I wear a scrub shirt with large deep pockets and keep my money with me. When I'm talking to a customer, I keep my hands in my pockets, clenched on the money. I have to carry a lot of change and small bills because most people will pick out a 10¢ item and hand you a $100 bill. You'd think if they knew they were going to garage sales, they get small bills and change. I've seen people, mostly women, dig and fish in purses or pockets pulling out dimes and quarters and dollar bills. They make quite a production out of it - almost seems they are subliminally sending a message "Look you're making me look so hard and I have so little money."


----------



## Debby (Apr 13, 2016)

debodun said:


> A few years ago, I had a set of wooden steps my dad hand-made to get in the loft of the garage. They were about 10 feet long. I saved them when the garage was demolished, but they took up a lot of room and I had no use for them, so I decided to sell them. I advertised them for $50. A man stopped and asked if I'd sell them for $20. Anxious to be rid of them I agreed. Then he asked if I'd sell them for $10. At this I refused, so he agreed and pressed a crumpled up bill in my hand and walked away with the stairs. When I went back inside and unfolded the bill, it was a $5!
> 
> ....





Right there is a good example of why our Canadian 'funny money' is a better way to go than the old 'green back'!  You can tell without uncrumpling the bills, exactly what you have.  Mind you, now we have our polymer money and it doesn't even crumple very well, but it's still all the colours of the rainbow!

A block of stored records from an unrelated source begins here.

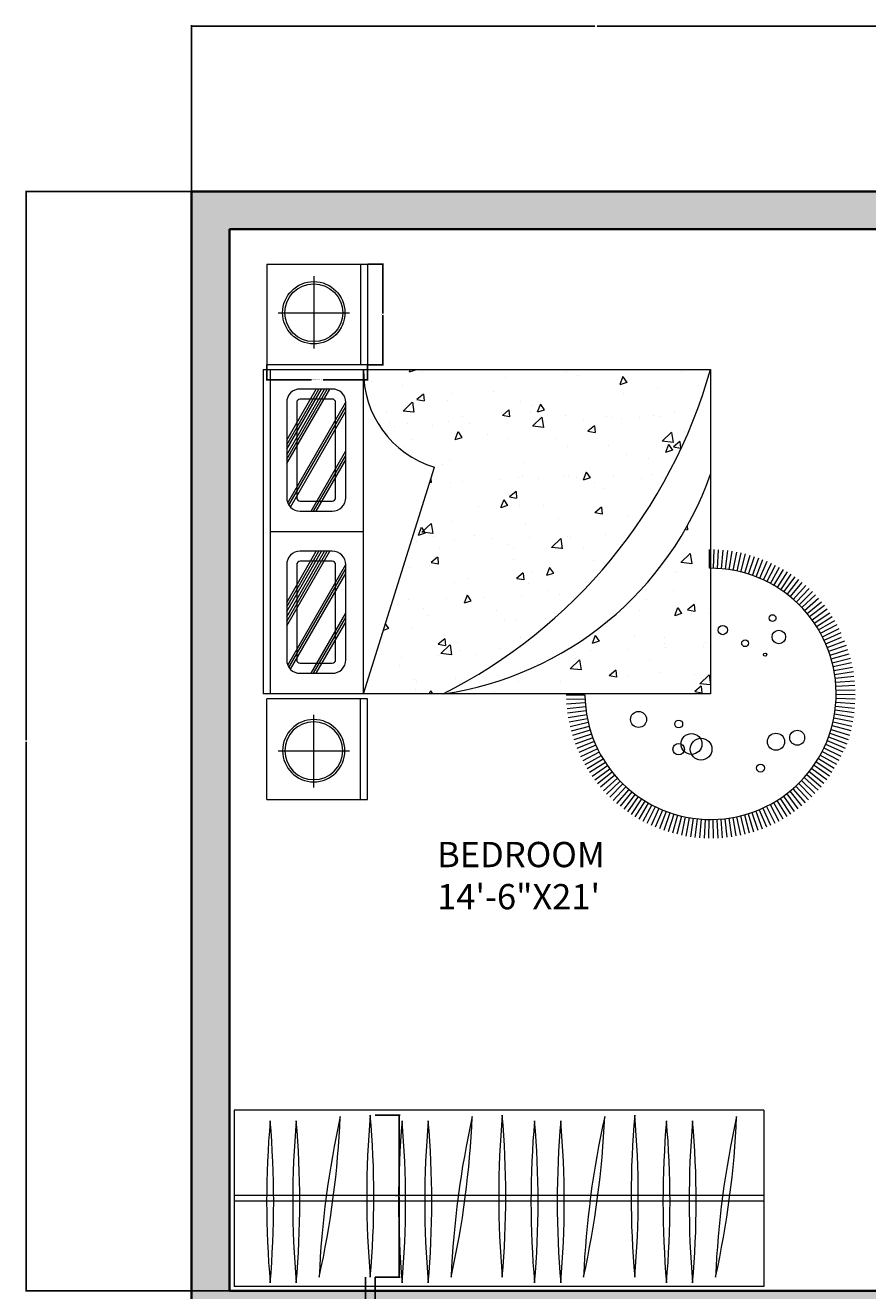
# Model space of a CAD drawing. Units: inches. Extents: x -9 to 646, y -802 to 47.
# Tile 15 of 17: x -9 to 191, y -253 to 47. Entities that reach past the tile are written whole.
import ezdxf

# ---------------------------------------------------------------- set-up
doc = ezdxf.new("R2010")
doc.units = ezdxf.units.IN
doc.header["$MEASUREMENT"] = 0
for name, color, linetype, lineweight in [('A-ANNO-DIMS', 2, 'Continuous', 18), ('A-AREA-IDEN', 7, 'Continuous', 18), ('A-FLOR-CASE', 8, 'Continuous', 18), ('A-FURN', 8, 'Continuous', 15), ('A-FURN-PATT', 252, 'Continuous', 9), ('A-WALL', 7, 'Continuous', 35), ('A-WALL-PATT', 5, 'Continuous', 9)]:
    doc.layers.add(name, color=color, linetype=linetype, lineweight=lineweight)
doc.styles.get("Standard").update_dxf_attribs({"font": 'arial.ttf'})
doc.dimstyles.get("Standard").update_dxf_attribs({"dimtxt": 0.18, "dimasz": 0.18, "dimexe": 0.18, "dimexo": 0.0625, "dimgap": 0.09, "dimtad": 0, "dimtih": 1, "dimtoh": 1, "dimdec": 0, "dimzin": 0, "dimdsep": 46, "dimlunit": 3, "dimtxsty": 'Standard', "dimcen": 0.09, "dimadec": 0, "dimazin": 0, "dimtfac": 1, "dimtdec": 0, "dimtofl": 0, "dimtmove": 0, "dimatfit": 3, "dimfxl": 1, "dimtolj": 1, "dimtzin": 0, "dimarcsym": 0})

# ---------------------------------------------------------------- blocks, each defined once
blk = doc.blocks.new('NIGHTSTAND-24')
for p, q in [((0, 23.9), (23.9, 23.9)), ((0, 23.9), (0, 0)), ((11.11, 21.04), (11.11, 3.84)), ((22.23, 23.9), (22.23, 0)), ((23.9, 23.9), (23.9, 0)), ((2.63, 12.34), (19.6, 12.34)), ((23.9, 0), (0, 0))]:
    blk.add_line(p, q)
for radius in [7.4, 6.87]:
    blk.add_circle((11.11, 12.34), radius)
blk = doc.blocks.new('CLOSET-GARMENT-LONG')
for centre, start, end in [((220.53, 19.21), 175.0028, 184.9972), ((220.53, 19.21), 175.0028, 184.9972), ((-218.85, 19.21), 355.0028, 4.9972), ((-218.85, 19.21), 355.0028, 4.9972)]:
    blk.add_arc(centre, 220.53, start, end)
blk = doc.blocks.new('*D17')
at = {"layer": 'A-ANNO-DIMS', "color": 0, "lineweight": -2, "transparency": 16777216}
for p, q in [((74, -211.4), (79.88, -211.4)), ((79.7, -211.58), (79.7, -230.43)), ((79.7, -249.64), (79.7, -230.8)), ((74, -249.82), (79.88, -249.82))]:
    blk.add_line(p, q, dxfattribs=at)
at = {"layer": 'A-ANNO-DIMS', "color": 0, "transparency": 16777216}
for points in [[(79.67, -211.58), (79.73, -211.58), (79.7, -211.4)], [(79.67, -249.64), (79.73, -249.64), (79.7, -249.82)]]:
    blk.add_solid(points, dxfattribs=at)
at = {"layer": 'Defpoints', "color": 0, "transparency": 16777216}
for p in [(73.94, -211.4), (79.7, -211.4), (73.94, -249.82)]:
    blk.add_point(p, dxfattribs=at)
at = {"layer": 'A-ANNO-DIMS', "color": 0, "transparency": 16777216, "insert": (79.7, -230.61), "char_height": 0.18, "attachment_point": 5}
blk.add_mtext('\\A1;GARMENT 38 TYP.', dxfattribs=at)
blk = doc.blocks.new('*D18')
at = {"layer": 'A-ANNO-DIMS', "color": 0, "lineweight": -2, "transparency": 16777216}
for p, q in [((71.7, -249.89), (71.7, -255.77)), ((73.94, -249.89), (73.94, -255.77)), ((71.88, -255.59), (72.36, -255.59)), ((73.76, -255.59), (73.28, -255.59))]:
    blk.add_line(p, q, dxfattribs=at)
at = {"layer": 'A-ANNO-DIMS', "color": 0, "transparency": 16777216}
for points in [[(71.88, -255.56), (71.88, -255.62), (71.7, -255.59)], [(73.76, -255.56), (73.76, -255.62), (73.94, -255.59)]]:
    blk.add_solid(points, dxfattribs=at)
at = {"layer": 'Defpoints', "color": 0, "transparency": 16777216}
for p in [(71.7, -249.82), (73.94, -249.82), (73.94, -255.59)]:
    blk.add_point(p, dxfattribs=at)
at = {"layer": 'A-ANNO-DIMS', "color": 0, "transparency": 16777216, "insert": (72.82, -255.59), "char_height": 0.18, "attachment_point": 5}
blk.add_mtext('\\A1;2 TYP.', dxfattribs=at)
blk = doc.blocks.new('*D47')
at = {"layer": 'A-ANNO-DIMS', "color": 0, "lineweight": -2, "transparency": 16777216}
for p, q in [((48.29, -33.28), (48.29, -36.98)), ((72.19, -33.28), (72.19, -36.98)), ((48.47, -36.8), (58.86, -36.8)), ((72.01, -36.8), (61.62, -36.8))]:
    blk.add_line(p, q, dxfattribs=at)
at = {"layer": 'A-ANNO-DIMS', "color": 0, "transparency": 16777216}
for points in [[(48.47, -36.77), (48.47, -36.83), (48.29, -36.8)], [(72.01, -36.77), (72.01, -36.83), (72.19, -36.8)]]:
    blk.add_solid(points, dxfattribs=at)
at = {"layer": 'Defpoints', "color": 0, "transparency": 16777216}
for p in [(48.29, -33.22), (72.19, -33.22), (72.19, -36.8)]:
    blk.add_point(p, dxfattribs=at)
at = {"layer": 'A-ANNO-DIMS', "color": 0, "transparency": 16777216, "insert": (60.24, -36.8), "char_height": 0.18, "attachment_point": 5}
blk.add_mtext('\\A1;NIGHTSTAND 24 TYP.', dxfattribs=at)
blk = doc.blocks.new('*D48')
at = {"layer": 'A-ANNO-DIMS', "color": 0, "lineweight": -2, "transparency": 16777216}
for p, q in [((72.25, -9.32), (75.96, -9.32)), ((75.78, -9.5), (75.78, -21.09)), ((75.78, -33.04), (75.78, -21.45)), ((72.25, -33.22), (75.96, -33.22))]:
    blk.add_line(p, q, dxfattribs=at)
at = {"layer": 'A-ANNO-DIMS', "color": 0, "transparency": 16777216}
for points in [[(75.75, -9.5), (75.81, -9.5), (75.78, -9.32)], [(75.75, -33.04), (75.81, -33.04), (75.78, -33.22)]]:
    blk.add_solid(points, dxfattribs=at)
at = {"layer": 'Defpoints', "color": 0, "transparency": 16777216}
for p in [(72.19, -9.32), (75.78, -9.32), (72.19, -33.22)]:
    blk.add_point(p, dxfattribs=at)
at = {"layer": 'A-ANNO-DIMS', "color": 0, "transparency": 16777216, "insert": (75.78, -21.27), "char_height": 0.18, "attachment_point": 5}
blk.add_mtext('\\A1;24 TYP.', dxfattribs=at)
blk = doc.blocks.new('*D51')
at = {"layer": 'A-ANNO-DIMS', "color": 0, "lineweight": -2, "transparency": 16777216}
for p, q in [((30.37, 7.99), (30.37, 47.36)), ((30.55, 47.18), (126.09, 47.18)), ((222.19, 47.18), (126.65, 47.18)), ((222.37, 7.99), (222.37, 47.36))]:
    blk.add_line(p, q, dxfattribs=at)
at = {"layer": 'A-ANNO-DIMS', "color": 0, "transparency": 16777216}
for points in [[(30.55, 47.21), (30.55, 47.15), (30.37, 47.18)], [(222.19, 47.21), (222.19, 47.15), (222.37, 47.18)]]:
    blk.add_solid(points, dxfattribs=at)
at = {"layer": 'Defpoints', "color": 0, "transparency": 16777216}
for p in [(222.37, 47.18), (30.37, 7.93), (222.37, 7.93)]:
    blk.add_point(p, dxfattribs=at)
at = {"layer": 'A-ANNO-DIMS', "color": 0, "transparency": 16777216, "insert": (126.37, 47.18), "char_height": 0.18, "attachment_point": 5}
blk.add_mtext('\\A1;192', dxfattribs=at)
blk = doc.blocks.new('*D54')
at = {"layer": 'A-ANNO-DIMS', "color": 0, "lineweight": -2, "transparency": 16777216}
for p, q in [((30.31, 7.93), (-9.06, 7.93)), ((-8.88, 7.75), (-8.88, -122.39)), ((-8.88, -252.89), (-8.88, -122.75)), ((39.31, -253.07), (-9.06, -253.07))]:
    blk.add_line(p, q, dxfattribs=at)
at = {"layer": 'A-ANNO-DIMS', "color": 0, "transparency": 16777216}
for points in [[(-8.91, 7.75), (-8.85, 7.75), (-8.88, 7.93)], [(-8.91, -252.89), (-8.85, -252.89), (-8.88, -253.07)]]:
    blk.add_solid(points, dxfattribs=at)
at = {"layer": 'Defpoints', "color": 0, "transparency": 16777216}
for p in [(30.37, 7.93), (-8.88, -253.07), (39.37, -253.07)]:
    blk.add_point(p, dxfattribs=at)
at = {"layer": 'A-ANNO-DIMS', "color": 0, "transparency": 16777216, "insert": (-8.88, -122.57), "char_height": 0.18, "attachment_point": 5}
blk.add_mtext('\\A1;261', dxfattribs=at)

msp = doc.modelspace()

# ---------------------------------------------------------------- hatches: boundary and pattern name
at = {"layer": 'A-FURN-PATT'}
h = msp.add_hatch(dxfattribs=at)
h.set_pattern_fill('AR-CONC', color=256, scale=0.106234, angle=270, style=0)
h.set_pattern_definition([(220, (6076.148, 873.132), (1.693277, -19.354254), [2.02376, -22.26139]), (275, (6076.148, 873.132), (-20.29676, 3.743996), [1.61901, -17.80911]), (169.549, (6076.289, 871.52), (-18.60339, -15.61033), [1.71993, -18.91926]), (223.8158, (6070.75, 873.132), (4.46634, -28.79788), [3.03564, -33.39208]), (173.3644, (6071.123, 870.732), (-26.28507, -25.22046), [2.5799, -28.37889]), (278.816, (6070.75, 873.132), (-26.28502, -25.2205), [2.42852, -26.71367]), (249, (6072.1, 870.434), (10.8641, -16.106695), [2.02376, -22.26139]), (304, (6072.1, 870.434), (-19.56707, -6.56549), [1.61901, -17.80911]), (198.5486, (6073.006, 869.092), (-8.703014, -22.672143), [1.71993, -18.91926]), (232.5, (6076.148, 873.132), (-8.982642, -0.3281155), [0, -17.593244, 0, -18.078947, 0, -17.87657]), (262.5, (6076.148, 873.132), (-10.64261, -7.098538), [0, -10.307698, 0, -17.188491, 0, -6.813334]), (302.5, (6076.148, 879.1495), (0.608589, -14.404367), [0, -6.745876, 0, -21.047132, 0, -27.927925]), (312.5, (6076.148, 881.848), (-2.701165, -15.736394), [0, -8.769638, 0, -13.977454, 0, -19.832874])])
edge = h.paths.add_edge_path()
edge.add_ellipse((94.96, -34.84), major_axis=(-16.79, -16.79), ratio=1, start_angle=-43.8468, end_angle=28.0453, ccw=False)
edge.add_line((71.22, -35.32), (71.22, -34.36))
edge.add_line((71.22, -34.36), (153.6, -34.36))
edge.add_ellipse((34.11, -0.53), major_axis=(-87.81, -87.81), ratio=1, start_angle=71.7955, end_angle=119.1914, ccw=False)
edge.add_line((90.1, -111.38), (71.22, -111.38))
edge.add_line((71.22, -111.38), (88.04, -57.56))
edge = h.paths.add_edge_path()
edge.add_line((153.6, -59.21), (153.6, -111.38))
edge.add_line((153.6, -111.38), (90.1, -111.38))
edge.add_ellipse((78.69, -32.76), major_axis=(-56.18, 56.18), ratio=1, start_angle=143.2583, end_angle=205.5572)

We just had a garage sale a few weeks ago and I organized and laid it all out and then left Don to manage it.  He's a born salesman and I absolutely hate garage sales (won't even stop at them) so it's an even division of labour in my opinion.


----------



## Debby (Apr 13, 2016)

debodun said:


> I wear a scrub shirt with large deep pockets and keep my money with me. When I'm talking to a customer, I keep my hands in my pockets, clenched on the money. I have to carry a lot of change and small bills because most people will pick out a 10¢ item and hand you a $100 bill. You'd think if they knew they were going to garage sales, they get small bills and change. I've seen people, mostly women, dig and fish in purses or pockets pulling out dimes and quarters and dollar bills. They make quite a production out of it - almost seems they are subliminally sending a message "Look you're making me look so hard and I have so little money."




I think it's more likely that we women have so much on our minds and so many errands to run most of the time, that if we do still use 'cash', the change get's dropped in the purse often so that we can grab the bag and rush off to the next errand!  Or because we carry purses instead of just stuffing change in our pockets like men do, the wallet gets lost in the depths of the bag and particularly if we are carrying all the crap that our our kids/husbands hand to us saying, 'can you carry this for me please'.  No subliminal messages from most.


----------



## Kitties (Apr 15, 2016)

People really do have nerve. And they rip people off. How terrible. A friend of my mothers had a money box stolen during her garage sale. It was the one distracts while one takes and she didn't notice until after they were gone. I wonder how people like that live with themselves. But I think a lot of them are out there walking around.


----------



## grannyjo (Apr 16, 2016)

We had a family of people who would regularly attend garage sales.  There were five of them.

They'd use the "distraction" method and steal small stuff.

After a while,  they'd hold their own garage sales with the stuff they had stolen.

The word soon passed around about them,  and people became more wary when they arrived.  They were quite a noticeable group - quite overweight and in a smallish sort of car.  Some people would even walk straight up to them and tell them they weren't welcome.

Haven't seen them around at the garage sales lately - maybe they've been banned from too many.


----------